AMQP also includes something similar to credit-based flow control and message acknowledgements. Flow credit can be arranged by using a Basic.Qos command before transmission begins, and acknowledgement of received messages is done using Basic.Ack commands. However, the protocol combines replenishment of credit with acknowledgement of data: Basic.Ack has a dual role (pardon the pun). Ideally replenishment of flow credit would be done separately from acknowledgement of data, with a command for each task, mirroring the way TCP uses a separate header field for each function.
Besides AMQP’s core subscription system, centred around
Basic.Consume,
there is a less-commonly-used polling based method of transferring
messages,
Basic.Get. Basic.Get
is very close to being an instance of the simple SML 'a enumerator
function type introduced above, and doesn’t include any way of
pipelining or batching requests or responses.
Conclusions and future work
The duality between IEnumerator<T>
and IObserver<T>
extends into a
network protocol setting. By looking at it in a network protocol
context, we can see the natural emergence of credit-based flow control
on the one hand, and acknowledgement on the other. With this model of
a data transfer protocol in mind, we can examine existing protocols
such as TCP and AMQP to see how they map to the operations we have
identified.
There are one or two remaining loose ends I’m interested in following
up. Firstly, what is the generalisation of both interfaces, so evident
in both TCP and AMQP, like? Whatever it is, it could turn out to be a
good candidate for a generalised model of a flow-controlled reliable
information stream. Secondly, both IEnumerator<T>
and IObserver<T>
are inherently stateful approaches to data streaming.
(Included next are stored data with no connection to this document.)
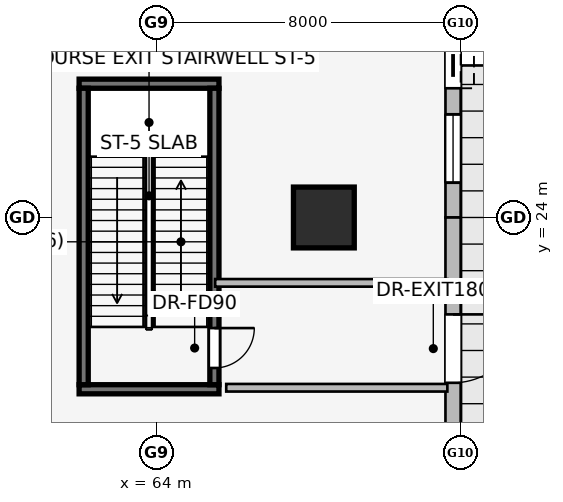
"""IFC4 building model, lengths in metres.
Left out: names, types, materials, properties, quantities, classifications, styles, units other than length and angle.
Written with IfcOpenShell. Run it as: python <this file> out.ifc"""

import sys

from ifc_helpers import new_model, si_unit, direction, frame, frame_2d, origin, origin_2d, place, context, subcontext, project, spatial, rectangle, extrude, element, fill, save


model = new_model("IFC4")
c1 = context("Model", 3, precision=1e-05, world=origin(), true_north=direction((0.0, 1.0)))
c2 = subcontext(c1, "Body", "Model", "MODEL_VIEW")
j1 = project(units=[si_unit("LENGTHUNIT", "METRE"), si_unit("PLANEANGLEUNIT", "RADIAN")], contexts=[c1])
p1 = place(None, origin())
s1 = spatial("IfcSite", under=j1, at=p1, CompositionType="ELEMENT")
p2 = place(p1, origin())
s2 = spatial("IfcBuilding", under=s1, at=p2, CompositionType="ELEMENT")
p3 = place(p2, origin())
s3 = spatial("IfcBuildingStorey", under=s2, at=p3, CompositionType="ELEMENT", Elevation=0.0)
for number, where, z_axis, x_axis in (
    (1, (61.96, 19.48, 0.0), (0.0, 0.0, 1.0), (1.0, 0.0, 0.0)),
    (2, (65.64, 27.52, 0.0), (0.0, 0.0, 1.0), (-1.0, 0.0, 0.0)),
):
    element("IfcWall", number, at=place(p3, frame(where, z_axis=z_axis, x_axis=x_axis)), inside=s3, PredefinedType="SHEAR", context=c2, shape_type="SweptSolid", body=[
        extrude(rectangle(XDim=3.68, YDim=0.24, at=frame_2d((1.84, 0.0))), origin(), (0.0, 0.0, 1.0), 6.0),
    ])
p4 = place(p3, frame((62.08, 27.4, 0.0), z_axis=(0.0, 0.0, 1.0), x_axis=(0.0, -1.0, 0.0)))
e3 = element("IfcWall", 3, at=p4, inside=s3, PredefinedType="SHEAR", context=c2, shape_type="SweptSolid", body=[
    extrude(rectangle(XDim=7.8, YDim=0.24, at=frame_2d((3.9, 0.0))), origin(), (0.0, 0.0, 1.0), 6.0),
])
p5 = place(p3, frame((65.52, 27.4, 0.0), z_axis=(0.0, 0.0, 1.0), x_axis=(0.0, -1.0, 0.0)))
e4 = element("IfcWall", 4, at=p5, inside=s3, PredefinedType="SHEAR", context=c2, shape_type="SweptSolid", body=[
    extrude(rectangle(XDim=7.8, YDim=0.24, at=frame_2d((3.9, 0.0))), origin(), (0.0, 0.0, 1.0), 6.0),
])
p6 = place(p5, frame((6.31, 0.0, 0.0)))
e5 = element("IfcOpeningElement", 5, at=p6, cuts=e4, PredefinedType="OPENING", context=c2, shape_type="SweptSolid", body=[
    extrude(rectangle(XDim=1.05, YDim=2.0, at=frame_2d((0.525, 1.0))), frame((0.0, 0.13, 0.0), z_axis=(0.0, -1.0, 0.0), x_axis=(1.0, 0.0, 0.0)), (0.0, 0.0, 1.0), 0.26),
])
p7 = place(p3, frame((68.4, 24.0, 0.0), z_axis=(0.0, 0.0, 1.0), x_axis=(1.0, 0.0, 0.0)))
e6 = element("IfcColumn", 6, at=p7, inside=s3, PredefinedType="COLUMN", context=c2, shape_type="SweptSolid", body=[
    extrude(rectangle(XDim=1.6, YDim=1.6, at=origin_2d()), origin(), (0.0, 0.0, 1.0), 6.0),
])
p8 = place(p3, frame((71.8, 47.6, 0.0), z_axis=(0.0, 0.0, 1.0), x_axis=(0.0, -1.0, 0.0)))
e7 = element("IfcWall", 7, at=p8, inside=s3, PredefinedType="STANDARD", context=c2, shape_type="SweptSolid", body=[
    extrude(rectangle(XDim=23.6, YDim=0.4, at=frame_2d((11.8, 0.0))), origin(), (0.0, 0.0, 1.0), 5.69),
])
p9 = place(p8, frame((16.6, 0.0, 0.0)))
e8 = element("IfcOpeningElement", 8, at=p9, cuts=e7, PredefinedType="OPENING", context=c2, shape_type="SweptSolid", body=[
    extrude(rectangle(XDim=3.6, YDim=3.6, at=frame_2d((1.8, 1.8))), frame((0.0, 0.21, 0.0), z_axis=(0.0, -1.0, 0.0), x_axis=(1.0, 0.0, 0.0)), (0.0, 0.0, 1.0), 0.42),
])
p10 = place(p8, frame((2.243, 0.0, 0.75)))
e9 = element("IfcOpeningElement", 9, at=p10, cuts=e7, PredefinedType="OPENING", context=c2, shape_type="SweptSolid", body=[
    extrude(rectangle(XDim=2.8, YDim=1.8, at=frame_2d((1.4, 0.9))), frame((0.0, 0.21, 0.0), z_axis=(0.0, -1.0, 0.0), x_axis=(1.0, 0.0, 0.0)), (0.0, 0.0, 1.0), 0.42),
])
p11 = place(p8, frame((6.65, 0.0, 0.75)))
e10 = element("IfcOpeningElement", 10, at=p11, cuts=e7, PredefinedType="OPENING", context=c2, shape_type="SweptSolid", body=[
    extrude(rectangle(XDim=2.8, YDim=1.8, at=frame_2d((1.4, 0.9))), frame((0.0, 0.21, 0.0), z_axis=(0.0, -1.0, 0.0), x_axis=(1.0, 0.0, 0.0)), (0.0, 0.0, 1.0), 0.42),
])
p12 = place(p8, frame((11.057, 0.0, 0.75)))
e11 = element("IfcOpeningElement", 11, at=p12, cuts=e7, PredefinedType="OPENING", context=c2, shape_type="SweptSolid", body=[
    extrude(rectangle(XDim=2.8, YDim=1.8, at=frame_2d((1.4, 0.9))), frame((0.0, 0.21, 0.0), z_axis=(0.0, -1.0, 0.0), x_axis=(1.0, 0.0, 0.0)), (0.0, 0.0, 1.0), 0.42),
])
p13 = place(p8, frame((20.885, 0.0, 0.75)))
e12 = element("IfcOpeningElement", 12, at=p13, cuts=e7, PredefinedType="OPENING", context=c2, shape_type="SweptSolid", body=[
    extrude(rectangle(XDim=1.8, YDim=1.5, at=frame_2d((0.9, 0.75))), frame((0.0, 0.21, 0.0), z_axis=(0.0, -1.0, 0.0), x_axis=(1.0, 0.0, 0.0)), (0.0, 0.0, 1.0), 0.42),
])
p14 = place(p3, frame((71.8, 24.0, 0.0), z_axis=(0.0, 0.0, 1.0), x_axis=(0.0, -1.0, 0.0)))
e13 = element("IfcWall", 13, at=p14, inside=s3, PredefinedType="STANDARD", context=c2, shape_type="SweptSolid", body=[
    extrude(rectangle(XDim=23.6, YDim=0.4, at=frame_2d((11.8, 0.0))), origin(), (0.0, 0.0, 1.0), 5.69),
])
p15 = place(p14, frame((2.55, 0.0, 0.0)))
e14 = element("IfcOpeningElement", 14, at=p15, cuts=e13, PredefinedType="OPENING", context=c2, shape_type="SweptSolid", body=[
    extrude(rectangle(XDim=1.8, YDim=2.3, at=frame_2d((0.9, 1.15))), frame((0.0, 0.21, 0.0), z_axis=(0.0, -1.0, 0.0), x_axis=(1.0, 0.0, 0.0)), (0.0, 0.0, 1.0), 0.42),
])
p16 = place(p14, frame((11.7, 0.0, 0.0)))
e15 = element("IfcOpeningElement", 15, at=p16, cuts=e13, PredefinedType="OPENING", context=c2, shape_type="SweptSolid", body=[
    extrude(rectangle(XDim=3.6, YDim=3.6, at=frame_2d((1.8, 1.8))), frame((0.0, 0.21, 0.0), z_axis=(0.0, -1.0, 0.0), x_axis=(1.0, 0.0, 0.0)), (0.0, 0.0, 1.0), 0.42),
])
p17 = place(p14, frame((5.435, 0.0, 0.75)))
e16 = element("IfcOpeningElement", 16, at=p17, cuts=e13, PredefinedType="OPENING", context=c2, shape_type="SweptSolid", body=[
    extrude(rectangle(XDim=1.05, YDim=1.4, at=frame_2d((0.525, 0.7))), frame((0.0, 0.21, 0.0), z_axis=(0.0, -1.0, 0.0), x_axis=(1.0, 0.0, 0.0)), (0.0, 0.0, 1.0), 0.42),
])
p18 = place(p14, frame((9.26, 0.0, 0.75)))
e17 = element("IfcOpeningElement", 17, at=p18, cuts=e13, PredefinedType="OPENING", context=c2, shape_type="SweptSolid", body=[
    extrude(rectangle(XDim=1.8, YDim=1.5, at=frame_2d((0.9, 0.75))), frame((0.0, 0.21, 0.0), z_axis=(0.0, -1.0, 0.0), x_axis=(1.0, 0.0, 0.0)), (0.0, 0.0, 1.0), 0.42),
])
p19 = place(p14, frame((15.855, 0.0, 0.75)))
e18 = element("IfcOpeningElement", 18, at=p19, cuts=e13, PredefinedType="OPENING", context=c2, shape_type="SweptSolid", body=[
    extrude(rectangle(XDim=2.8, YDim=1.8, at=frame_2d((1.4, 0.9))), frame((0.0, 0.21, 0.0), z_axis=(0.0, -1.0, 0.0), x_axis=(1.0, 0.0, 0.0)), (0.0, 0.0, 1.0), 0.42),
])
p20 = place(p14, frame((19.125, 0.0, 0.75)))
e19 = element("IfcOpeningElement", 19, at=p20, cuts=e13, PredefinedType="OPENING", context=c2, shape_type="SweptSolid", body=[
    extrude(rectangle(XDim=2.8, YDim=1.8, at=frame_2d((1.4, 0.9))), frame((0.0, 0.21, 0.0), z_axis=(0.0, -1.0, 0.0), x_axis=(1.0, 0.0, 0.0)), (0.0, 0.0, 1.0), 0.42),
])
p21 = place(p3, frame((65.831, 19.52, 0.0), z_axis=(0.0, 0.0, 1.0), x_axis=(1.0, 0.0, 0.0)))
e20 = element("IfcWall", 20, at=p21, inside=s3, PredefinedType="PARTITIONING", context=c2, shape_type="SweptSolid", body=[
    extrude(rectangle(XDim=5.819, YDim=0.2, at=frame_2d((2.909, 0.0))), origin(), (0.0, 0.0, 1.0), 5.69),
])
p22 = place(p3, frame((71.65, 22.28, 0.0), z_axis=(0.0, 0.0, 1.0), x_axis=(-1.0, 0.0, 0.0)))
e21 = element("IfcWall", 21, at=p22, inside=s3, PredefinedType="PARTITIONING", context=c2, shape_type="SweptSolid", body=[
    extrude(rectangle(XDim=6.11, YDim=0.2, at=frame_2d((3.055, 0.0))), origin(), (0.0, 0.0, 1.0), 5.69),
])
p23 = place(p9, origin())
e22 = element("IfcDoor", 22, at=p23, inside=s3, OperationType="ROLLINGUP", PredefinedType="GATE", context=c2, shape_type="SweptSolid", body=[
    extrude(rectangle(XDim=3.6, YDim=3.6, at=frame_2d((1.8, 1.8))), frame((0.0, 0.025, 0.0), z_axis=(0.0, -1.0, 0.0), x_axis=(1.0, 0.0, 0.0)), (0.0, 0.0, 1.0), 0.05),
])
fill(e8, e22)
p24 = place(p13, origin())
e23 = element("IfcWindow", 23, at=p24, inside=s3, PartitioningType="SINGLE_PANEL", PredefinedType="WINDOW", context=c2, shape_type="SweptSolid", body=[
    extrude(rectangle(XDim=1.8, YDim=1.5, at=frame_2d((0.9, 0.75))), frame((0.0, 0.03, 0.0), z_axis=(0.0, -1.0, 0.0), x_axis=(1.0, 0.0, 0.0)), (0.0, 0.0, 1.0), 0.06),
])
fill(e12, e23)
p25 = place(p15, origin())
e24 = element("IfcDoor", 24, at=p25, inside=s3, OperationType="SINGLE_SWING_LEFT", PredefinedType="DOOR", context=c2, shape_type="SweptSolid", body=[
    extrude(rectangle(XDim=1.8, YDim=2.3, at=frame_2d((0.9, 1.15))), frame((0.0, 0.025, 0.0), z_axis=(0.0, -1.0, 0.0), x_axis=(1.0, 0.0, 0.0)), (0.0, 0.0, 1.0), 0.05),
])
fill(e14, e24)
p26 = place(p6, origin())
e25 = element("IfcDoor", 25, at=p26, inside=s3, OperationType="SINGLE_SWING_LEFT", PredefinedType="DOOR", context=c2, shape_type="SweptSolid", body=[
    extrude(rectangle(XDim=1.05, YDim=2.0, at=frame_2d((0.525, 1.0))), frame((0.0, 0.025, 0.0), z_axis=(0.0, -1.0, 0.0), x_axis=(1.0, 0.0, 0.0)), (0.0, 0.0, 1.0), 0.05),
])
fill(e5, e25)
save(model, sys.argv[1])

What do we see
if we switch to pure-functional models of enumeration and observation?
What are the analogous network protocol models like? I suspect that
the answers here will lead in the direction of more
RESTful
models of message transmission such as
RestMS and
ReverseHTTP.
-
Erik’s article is available as HTML and also as a PDF, which is the form I originally saw it in. Thanks to @hylomorphism for pointing me toward the article and thus kicking off this interesting train of thought. ↩
-
SML code illustrating the use of these
enumerator
andobserver
types can be found here. ↩ -
There are other kinds of flow control besides credit-based: XON/XOFF and RTS/CTS signalling will be familiar to those that have used serial links and modems. ↩
-
Specifically, transfer of responsibility. The receiver of a message, by sending () to the sender of the message, indicates that it has taken responsibility for the message, and that the sender no longer needs to concern itself with it or attempt further redelivery. There are other kinds of acknowledgement scheme: NAKs, for example, are used in multicast applications to indicate a gap in a received data stream. ↩
-
I should really put the word “reliable” in scare quotes… ↩
Comments (closed)
Have you thought about how/if this relates to William Cooks work on batched rpc (http://www.cs.utexas.edu/~wcoo...
It looks like William Cook's approach involves mobile code, which I'm not considering here. There is some similarity, though, if we shift to considering pipelining and batching of pure functional code: in that situation, one often wants to use the results of a previous operation as an argument to a subsequent operation. The E community has done some work on "promise pipelining" that connects to this idea. See chapter 16 of Mark S Miller's thesis.